Segafredo L'Originale, the Italian café and nightlife fixture on Lincoln Road, is calling it quits on June 21, 2026, wrapping up a 26-year run in South Beach. The Lincoln Road spot plans to go out with a free final celebration that day from 2 p.m. to 10 p.m., according to the restaurant’s announcement. For decades, the corner hangout was known for panini, spritz cocktails and a year-round DJ booth that turned a simple coffee stop into a social scene.
As reported by Miami New Times, the closure was first shared on the venue’s Instagram, where the team invited the public to a free sendoff on June 21. The New Times notes that Segafredo L'Originale opened in June 2000 and details the co-owners and longtime operators who helped steer the place through more than two decades of South Beach's shifting nightlife.
Local Owners And A Long Run On Lincoln Road
Segafredo L'Originale launched in 2000 and later became part of Graspa Group, the Miami restaurant company founded by Graziano Sbroggio, according to the group’s website. Graspa Group lists Segafredo among its signature concepts and notes that Luca Voltarel eventually became a co-owner and general manager as the company expanded across South Florida. Over the years, the group developed several Italian concepts while keeping Segafredo as its longstanding Lincoln Road presence.
Paninis, Spritzes And A DJ Booth
Regulars remember Segafredo for more than espresso. The café blended a menu of Italian panini and aperitivo-style spritz cocktails with a clubby energy built around live DJs and that ever-present booth on the patio. Miami New Times reports that the venue’s music programming and resident DJs, including DJ Aladdin’s nine-year residency, became a defining part of its identity. That mix of food, drinks and steady beats kept the place appealing to both locals and visitors for decades.
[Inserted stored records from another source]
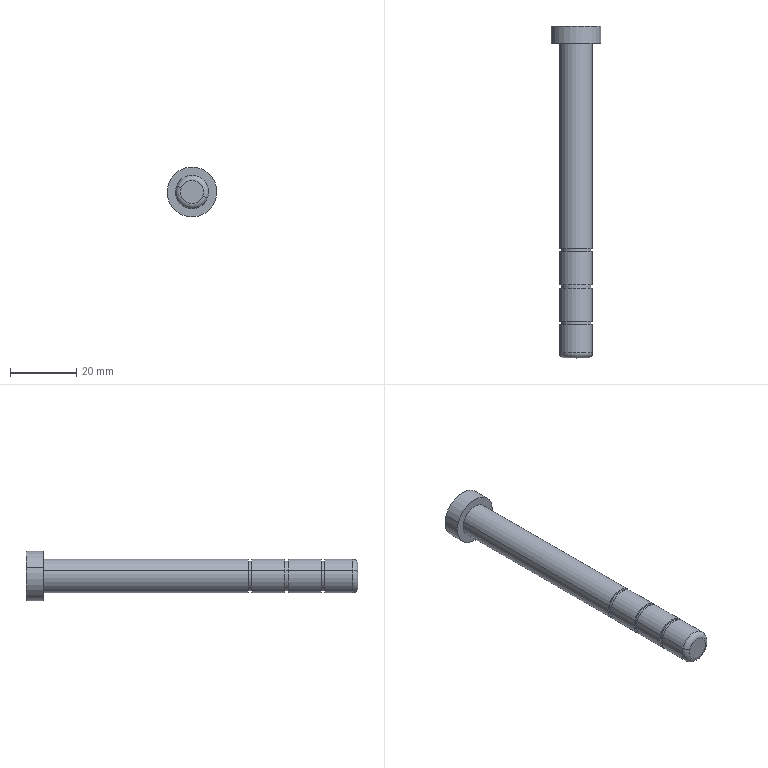Component | SolidWorks | GP-10-100-2GuidePin-2 | 1 solid | 27 faces | box 15 x 100 x 15 mm | volume 8306 mm3 | cylinder 16 | plane 9 | torus 2 | commonest cylinder face diameters 10 x8 9 x6 15 x2
build123d program:
from build123d import *

# Parameters (mm, degrees)
FILLET1_R = 1.5


with BuildPart() as part:
    # Sketch1 → Revolve1 (revolve)
    with BuildSketch(Plane.XY, mode=Mode.PRIVATE) as revolve1_sk:
        Polygon((0, 100), (5, 100), (5, 90), (4.5, 90), (4.5, 89), (5, 89), (5, 79), (4.5, 79), (4.5, 78), (5, 78), (5, 68), (4.5, 68), (4.5, 67), (5, 67), (5, 5.2), (7.5, 5.2), (7.5, 0), (0, 0), align=None)
    revolve(revolve1_sk.sketch.rotate(Axis((0, 100, 0), (0, -1, 0)), 180), axis=Axis((0, 100, 0), (0, -1, 0)))

    # Fillet1
    fillet1_edges = [part.edges().sort_by_distance(p)[0] for p in [
        (5, 100, 0),
    ]]
    fillet(fillet1_edges, radius=FILLET1_R)


solid = part.part

# Placed as in the assembly
solid = solid.moved(Location((139.884, -65.161, 270), (180, 0, 0)))
STEP:
#1=CARTESIAN_POINT('',(5.378,-6.502,10.677));
#2=VERTEX_POINT('',#1);
#3=CARTESIAN_POINT('',(5.637,-6.502,10.583));
#4=VERTEX_POINT('',#3);
#5=CARTESIAN_POINT('',(5.507,-6.502,10.63));
#6=DIRECTION('',(-0.,-1.,0.));
#7=DIRECTION('',(0.9396,0.,-0.3423));
#8=AXIS2_PLACEMENT_3D('',#5,#6,#7);
#9=CIRCLE('',#8,0.1378);
#10=EDGE_CURVE('',#2,#4,#9,.T.);
#11=ORIENTED_EDGE('',*,*,#10,.F.);
#12=CARTESIAN_POINT('',(5.322,-6.443,10.697));
#13=VERTEX_POINT('',#12);
#14=CARTESIAN_POINT('',(5.378,-6.443,10.677));
#15=DIRECTION('',(-0.3423,0.,-0.9396));
#16=DIRECTION('',(-0.9396,0.,0.3423));
#17=AXIS2_PLACEMENT_3D('',#14,#15,#16);
#18=CIRCLE('',#17,0.05906);
#19=EDGE_CURVE('',#2,#13,#18,.T.);
#20=ORIENTED_EDGE('',*,*,#19,.T.);
#21=CARTESIAN_POINT('',(5.692,-6.443,10.563));
#22=VERTEX_POINT('',#21);
#23=CARTESIAN_POINT('',(5.507,-6.443,10.63));
#24=DIRECTION('',(0.,1.,-0.));
#25=DIRECTION('',(0.9396,0.,-0.3423));
#26=AXIS2_PLACEMENT_3D('',#23,#24,#25);
#27=CIRCLE('',#26,0.1969);
#28=EDGE_CURVE('',#22,#13,#27,.T.);
#29=ORIENTED_EDGE('',*,*,#28,.F.);
#30=CARTESIAN_POINT('',(5.637,-6.443,10.583));
#31=DIRECTION('',(0.3423,-0.,0.9396));
#32=DIRECTION('',(0.9396,0.,-0.3423));
#33=AXIS2_PLACEMENT_3D('',#30,#31,#32);
#34=CIRCLE('',#33,0.05906);
#35=EDGE_CURVE('',#4,#22,#34,.T.);
#36=ORIENTED_EDGE('',*,*,#35,.F.);
#37=EDGE_LOOP('',(#11,#20,#29,#36));
#38=FACE_OUTER_BOUND('',#37,.T.);
#39=CARTESIAN_POINT('',(5.507,-6.443,10.63));
#40=DIRECTION('',(0.,1.,-0.));
#41=DIRECTION('',(0.9396,-0.,-0.3423));
#42=AXIS2_PLACEMENT_3D('',#39,#40,#41);
#43=TOROIDAL_SURFACE('',#42,0.1378,0.05906);
#44=ADVANCED_FACE('',(#38),#43,.T.);
#45=CARTESIAN_POINT('',(5.23,-2.565,10.731));
#46=VERTEX_POINT('',#45);
#47=CARTESIAN_POINT('',(5.785,-2.565,10.529));
#48=VERTEX_POINT('',#47);
#49=CARTESIAN_POINT('',(5.507,-2.565,10.63));
#50=DIRECTION('',(-0.,-1.,0.));
#51=DIRECTION('',(-0.9396,0.,0.3423));
#52=AXIS2_PLACEMENT_3D('',#49,#50,#51);
#53=CIRCLE('',#52,0.2953);
#54=EDGE_CURVE('',#46,#48,#53,.T.);
#55=ORIENTED_EDGE('',*,*,#54,.T.);
#56=CARTESIAN_POINT('',(5.785,-2.77,10.529));
#57=VERTEX_POINT('',#56);
#58=CARTESIAN_POINT('',(5.785,-6.502,10.529));
#59=DIRECTION('',(-0.,-1.,0.));
#60=VECTOR('',#59,39.37);
#61=LINE('',#58,#60);
#62=EDGE_CURVE('',#48,#57,#61,.T.);
#63=ORIENTED_EDGE('',*,*,#62,.T.);
#64=CARTESIAN_POINT('',(5.23,-2.77,10.731));
#65=VERTEX_POINT('',#64);
#66=CARTESIAN_POINT('',(5.507,-2.77,10.63));
#67=DIRECTION('',(-0.,-1.,0.));
#68=DIRECTION('',(-0.9396,0.,0.3423));
#69=AXIS2_PLACEMENT_3D('',#66,#67,#68);
#70=CIRCLE('',#69,0.2953);
#71=EDGE_CURVE('',#65,#57,#70,.T.);
#72=ORIENTED_EDGE('',*,*,#71,.F.);
#73=CARTESIAN_POINT('',(5.23,-6.502,10.731));
#74=DIRECTION('',(-0.,-1.,0.));
#75=VECTOR('',#74,39.37);
#76=LINE('',#73,#75);
#77=EDGE_CURVE('',#46,#65,#76,.T.);
#78=ORIENTED_EDGE('',*,*,#77,.F.);
#79=EDGE_LOOP('',(#55,#63,#72,#78));
#80=FACE_OUTER_BOUND('',#79,.T.);
#81=CARTESIAN_POINT('',(5.507,-6.502,10.63));
#82=DIRECTION('',(-0.,-1.,0.));
#83=DIRECTION('',(-0.9396,0.,0.3423));
#84=AXIS2_PLACEMENT_3D('',#81,#82,#83);
#85=CYLINDRICAL_SURFACE('',#84,0.2953);
#86=ADVANCED_FACE('',(#80),#85,.T.);
#87=CARTESIAN_POINT('',(5.322,-2.77,10.697));
#88=VERTEX_POINT('',#87);
#89=CARTESIAN_POINT('',(5.692,-2.77,10.563));
#90=VERTEX_POINT('',#89);
#91=CARTESIAN_POINT('',(5.507,-2.77,10.63));
#92=DIRECTION('',(-0.,-1.,0.));
#93=DIRECTION('',(-0.9396,0.,0.3423));
#94=AXIS2_PLACEMENT_3D('',#91,#92,#93);
#95=CIRCLE('',#94,0.1969);
#96=EDGE_CURVE('',#88,#90,#95,.T.);
#97=ORIENTED_EDGE('',*,*,#96,.T.);
#98=CARTESIAN_POINT('',(5.692,-5.203,10.563));
#99=VERTEX_POINT('',#98);
#100=CARTESIAN_POINT('',(5.692,-6.502,10.563));
#101=DIRECTION('',(-0.,-1.,0.));
#102=VECTOR('',#101,39.37);
#103=LINE('',#100,#102);
#104=EDGE_CURVE('',#90,#99,#103,.T.);
#105=ORIENTED_EDGE('',*,*,#104,.T.);
#106=CARTESIAN_POINT('',(5.322,-5.203,10.697));
#107=VERTEX_POINT('',#106);
#108=CARTESIAN_POINT('',(5.507,-5.203,10.63));
#109=DIRECTION('',(-0.,-1.,0.));
#110=DIRECTION('',(-0.9396,0.,0.3423));
#111=AXIS2_PLACEMENT_3D('',#108,#109,#110);
#112=CIRCLE('',#111,0.1969);
#113=EDGE_CURVE('',#107,#99,#112,.T.);
#114=ORIENTED_EDGE('',*,*,#113,.F.);
#115=CARTESIAN_POINT('',(5.322,-6.502,10.697));
#116=DIRECTION('',(-0.,-1.,0.));
#117=VECTOR('',#116,39.37);
#118=LINE('',#115,#117);
#119=EDGE_CURVE('',#88,#107,#118,.T.);
#120=ORIENTED_EDGE('',*,*,#119,.F.);
#121=EDGE_LOOP('',(#97,#105,#114,#120));
#122=FACE_OUTER_BOUND('',#121,.T.);
#123=CARTESIAN_POINT('',(5.507,-6.502,10.63));
#124=DIRECTION('',(-0.,-1.,0.));
#125=DIRECTION('',(-0.9396,0.,0.3423));
#126=AXIS2_PLACEMENT_3D('',#123,#124,#125);
#127=CYLINDRICAL_SURFACE('',#126,0.1969);
#128=ADVANCED_FACE('',(#122),#127,.T.);
#129=CARTESIAN_POINT('',(5.341,-5.203,10.691));
#130=VERTEX_POINT('',#129);
#131=CARTESIAN_POINT('',(5.674,-5.203,10.569));
#132=VERTEX_POINT('',#131);
#133=CARTESIAN_POINT('',(5.507,-5.203,10.63));
#134=DIRECTION('',(-0.,-1.,0.));
#135=DIRECTION('',(-0.9396,0.,0.3423));
#136=AXIS2_PLACEMENT_3D('',#133,#134,#135);
#137=CIRCLE('',#136,0.1772);
#138=EDGE_CURVE('',#130,#132,#137,.T.);
#139=ORIENTED_EDGE('',*,*,#138,.T.);
#140=CARTESIAN_POINT('',(5.674,-5.243,10.569));
#141=VERTEX_POINT('',#140);
#142=CARTESIAN_POINT('',(5.674,-6.502,10.569));
#143=DIRECTION('',(-0.,-1.,0.));
#144=VECTOR('',#143,39.37);
#145=LINE('',#142,#144);
#146=EDGE_CURVE('',#132,#141,#145,.T.);
#147=ORIENTED_EDGE('',*,*,#146,.T.);
#148=CARTESIAN_POINT('',(5.341,-5.243,10.691));
#149=VERTEX_POINT('',#148);
#150=CARTESIAN_POINT('',(5.507,-5.243,10.63));
#151=DIRECTION('',(-0.,-1.,0.));
#152=DIRECTION('',(-0.9396,0.,0.3423));
#153=AXIS2_PLACEMENT_3D('',#150,#151,#152);
#154=CIRCLE('',#153,0.1772);
#155=EDGE_CURVE('',#149,#141,#154,.T.);
#156=ORIENTED_EDGE('',*,*,#155,.F.);
#157=CARTESIAN_POINT('',(5.341,-6.502,10.691));
#158=DIRECTION('',(-0.,-1.,0.));
#159=VECTOR('',#158,39.37);
#160=LINE('',#157,#159);
#161=EDGE_CURVE('',#130,#149,#160,.T.);
#162=ORIENTED_EDGE('',*,*,#161,.F.);
#163=EDGE_LOOP('',(#139,#147,#156,#162));
#164=FACE_OUTER_BOUND('',#163,.T.);
#165=CARTESIAN_POINT('',(5.507,-6.502,10.63));
#166=DIRECTION('',(-0.,-1.,0.));
#167=DIRECTION('',(-0.9396,0.,0.3423));
#168=AXIS2_PLACEMENT_3D('',#165,#166,#167);
#169=CYLINDRICAL_SURFACE('',#168,0.1772);
#170=ADVANCED_FACE('',(#164),#169,.T.);
#171=CARTESIAN_POINT('',(5.322,-5.243,10.697));
#172=VERTEX_POINT('',#171);
#173=CARTESIAN_POINT('',(5.692,-5.243,10.563));
#174=VERTEX_POINT('',#173);
#175=CARTESIAN_POINT('',(5.507,-5.243,10.63));
#176=DIRECTION('',(-0.,-1.,0.));
#177=DIRECTION('',(-0.9396,0.,0.3423));
#178=AXIS2_PLACEMENT_3D('',#175,#176,#177);
#179=CIRCLE('',#178,0.1969);
#180=EDGE_CURVE('',#172,#174,#179,.T.);
#181=ORIENTED_EDGE('',*,*,#180,.T.);
#182=CARTESIAN_POINT('',(5.692,-5.636,10.563));
#183=VERTEX_POINT('',#182);
#184=CARTESIAN_POINT('',(5.692,-6.502,10.563));
#185=DIRECTION('',(-0.,-1.,0.));
#186=VECTOR('',#185,39.37);
#187=LINE('',#184,#186);
#188=EDGE_CURVE('',#174,#183,#187,.T.);
#189=ORIENTED_EDGE('',*,*,#188,.T.);
#190=CARTESIAN_POINT('',(5.322,-5.636,10.697));
#191=VERTEX_POINT('',#190);
#192=CARTESIAN_POINT('',(5.507,-5.636,10.63));
#193=DIRECTION('',(-0.,-1.,0.));
#194=DIRECTION('',(-0.9396,0.,0.3423));
#195=AXIS2_PLACEMENT_3D('',#192,#193,#194);
#196=CIRCLE('',#195,0.1969);
#197=EDGE_CURVE('',#191,#183,#196,.T.);
#198=ORIENTED_EDGE('',*,*,#197,.F.);
#199=CARTESIAN_POINT('',(5.322,-6.502,10.697));
#200=DIRECTION('',(-0.,-1.,0.));
#201=VECTOR('',#200,39.37);
#202=LINE('',#199,#201);
#203=EDGE_CURVE('',#172,#191,#202,.T.);
#204=ORIENTED_EDGE('',*,*,#203,.F.);
#205=EDGE_LOOP('',(#181,#189,#198,#204));
#206=FACE_OUTER_BOUND('',#205,.T.);
#207=CARTESIAN_POINT('',(5.507,-6.502,10.63));
#208=DIRECTION('',(-0.,-1.,0.));
#209=DIRECTION('',(-0.9396,0.,0.3423));
#210=AXIS2_PLACEMENT_3D('',#207,#208,#209);
#211=CYLINDRICAL_SURFACE('',#210,0.1969);
#212=ADVANCED_FACE('',(#206),#211,.T.);
#213=CARTESIAN_POINT('',(5.341,-5.636,10.691));
#214=VERTEX_POINT('',#213);
#215=CARTESIAN_POINT('',(5.674,-5.636,10.569));
#216=VERTEX_POINT('',#215);
#217=CARTESIAN_POINT('',(5.507,-5.636,10.63));
#218=DIRECTION('',(-0.,-1.,0.));
#219=DIRECTION('',(-0.9396,0.,0.3423));
#220=AXIS2_PLACEMENT_3D('',#217,#218,#219);
#221=CIRCLE('',#220,0.1772);
#222=EDGE_CURVE('',#214,#216,#221,.T.);
#223=ORIENTED_EDGE('',*,*,#222,.T.);
#224=CARTESIAN_POINT('',(5.674,-5.676,10.569));
#225=VERTEX_POINT('',#224);
#226=CARTESIAN_POINT('',(5.674,-6.502,10.569));
#227=DIRECTION('',(-0.,-1.,0.));
#228=VECTOR('',#227,39.37);
#229=LINE('',#226,#228);
#230=EDGE_CURVE('',#216,#225,#229,.T.);
#231=ORIENTED_EDGE('',*,*,#230,.T.);
#232=CARTESIAN_POINT('',(5.341,-5.676,10.691));
#233=VERTEX_POINT('',#232);
#234=CARTESIAN_POINT('',(5.507,-5.676,10.63));
#235=DIRECTION('',(-0.,-1.,0.));
#236=DIRECTION('',(-0.9396,0.,0.3423));
#237=AXIS2_PLACEMENT_3D('',#234,#235,#236);
#238=CIRCLE('',#237,0.1772);
#239=EDGE_CURVE('',#233,#225,#238,.T.);
#240=ORIENTED_EDGE('',*,*,#239,.F.);
#241=CARTESIAN_POINT('',(5.341,-6.502,10.691));
#242=DIRECTION('',(-0.,-1.,0.));
#243=VECTOR('',#242,39.37);
#244=LINE('',#241,#243);
#245=EDGE_CURVE('',#214,#233,#244,.T.);
#246=ORIENTED_EDGE('',*,*,#245,.F.);
#247=EDGE_LOOP('',(#223,#231,#240,#246));
#248=FACE_OUTER_BOUND('',#247,.T.);
#249=CARTESIAN_POINT('',(5.507,-6.502,10.63));
#250=DIRECTION('',(-0.,-1.,0.));
#251=DIRECTION('',(-0.9396,0.,0.3423));
#252=AXIS2_PLACEMENT_3D('',#249,#250,#251);
#253=CYLINDRICAL_SURFACE('',#252,0.1772);
#254=ADVANCED_FACE('',(#248),#253,.T.);
#255=CARTESIAN_POINT('',(5.322,-5.676,10.697));
#256=VERTEX_POINT('',#255);
#257=CARTESIAN_POINT('',(5.692,-5.676,10.563));
#258=VERTEX_POINT('',#257);
#259=CARTESIAN_POINT('',(5.507,-5.676,10.63));
#260=DIRECTION('',(-0.,-1.,0.));
#261=DIRECTION('',(-0.9396,0.,0.3423));
#262=AXIS2_PLACEMENT_3D('',#259,#260,#261);
#263=CIRCLE('',#262,0.1969);
#264=EDGE_CURVE('',#256,#258,#263,.T.);
#265=ORIENTED_EDGE('',*,*,#264,.T.);
#266=CARTESIAN_POINT('',(5.692,-6.069,10.563));
#267=VERTEX_POINT('',#266);
#268=CARTESIAN_POINT('',(5.692,-6.502,10.563));
#269=DIRECTION('',(-0.,-1.,0.));
#270=VECTOR('',#269,39.37);
#271=LINE('',#268,#270);
#272=EDGE_CURVE('',#258,#267,#271,.T.);
#273=ORIENTED_EDGE('',*,*,#272,.T.);
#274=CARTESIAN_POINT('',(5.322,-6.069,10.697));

Another Loss For Lincoln Road
Segafredo’s pending exit comes as a wave of long-running eateries and bars either close or reinvent themselves along Lincoln Road, while the promenade wrestles with changing rents, visitor patterns and new development. Reporting in the Miami Herald on Lincoln Road’s evolution points to a broader pattern of turnover and reinvestment across the corridor. For many residents, losing a music-forward café on the strip underscores how the character of South Beach nightlife has shifted over time.
Graspa Group has not offered a public explanation for the shutdown; its website still lists Segafredo among the company’s concepts without any closure statement. Whatever the backstory, June 21 will be the last chance to find Segafredo at 1040 Lincoln Road, as the venue hosts its free farewell. Longtime patrons and DJs are expected to crowd in for one more afternoon and evening of food, cocktails and music before the lights go down for good.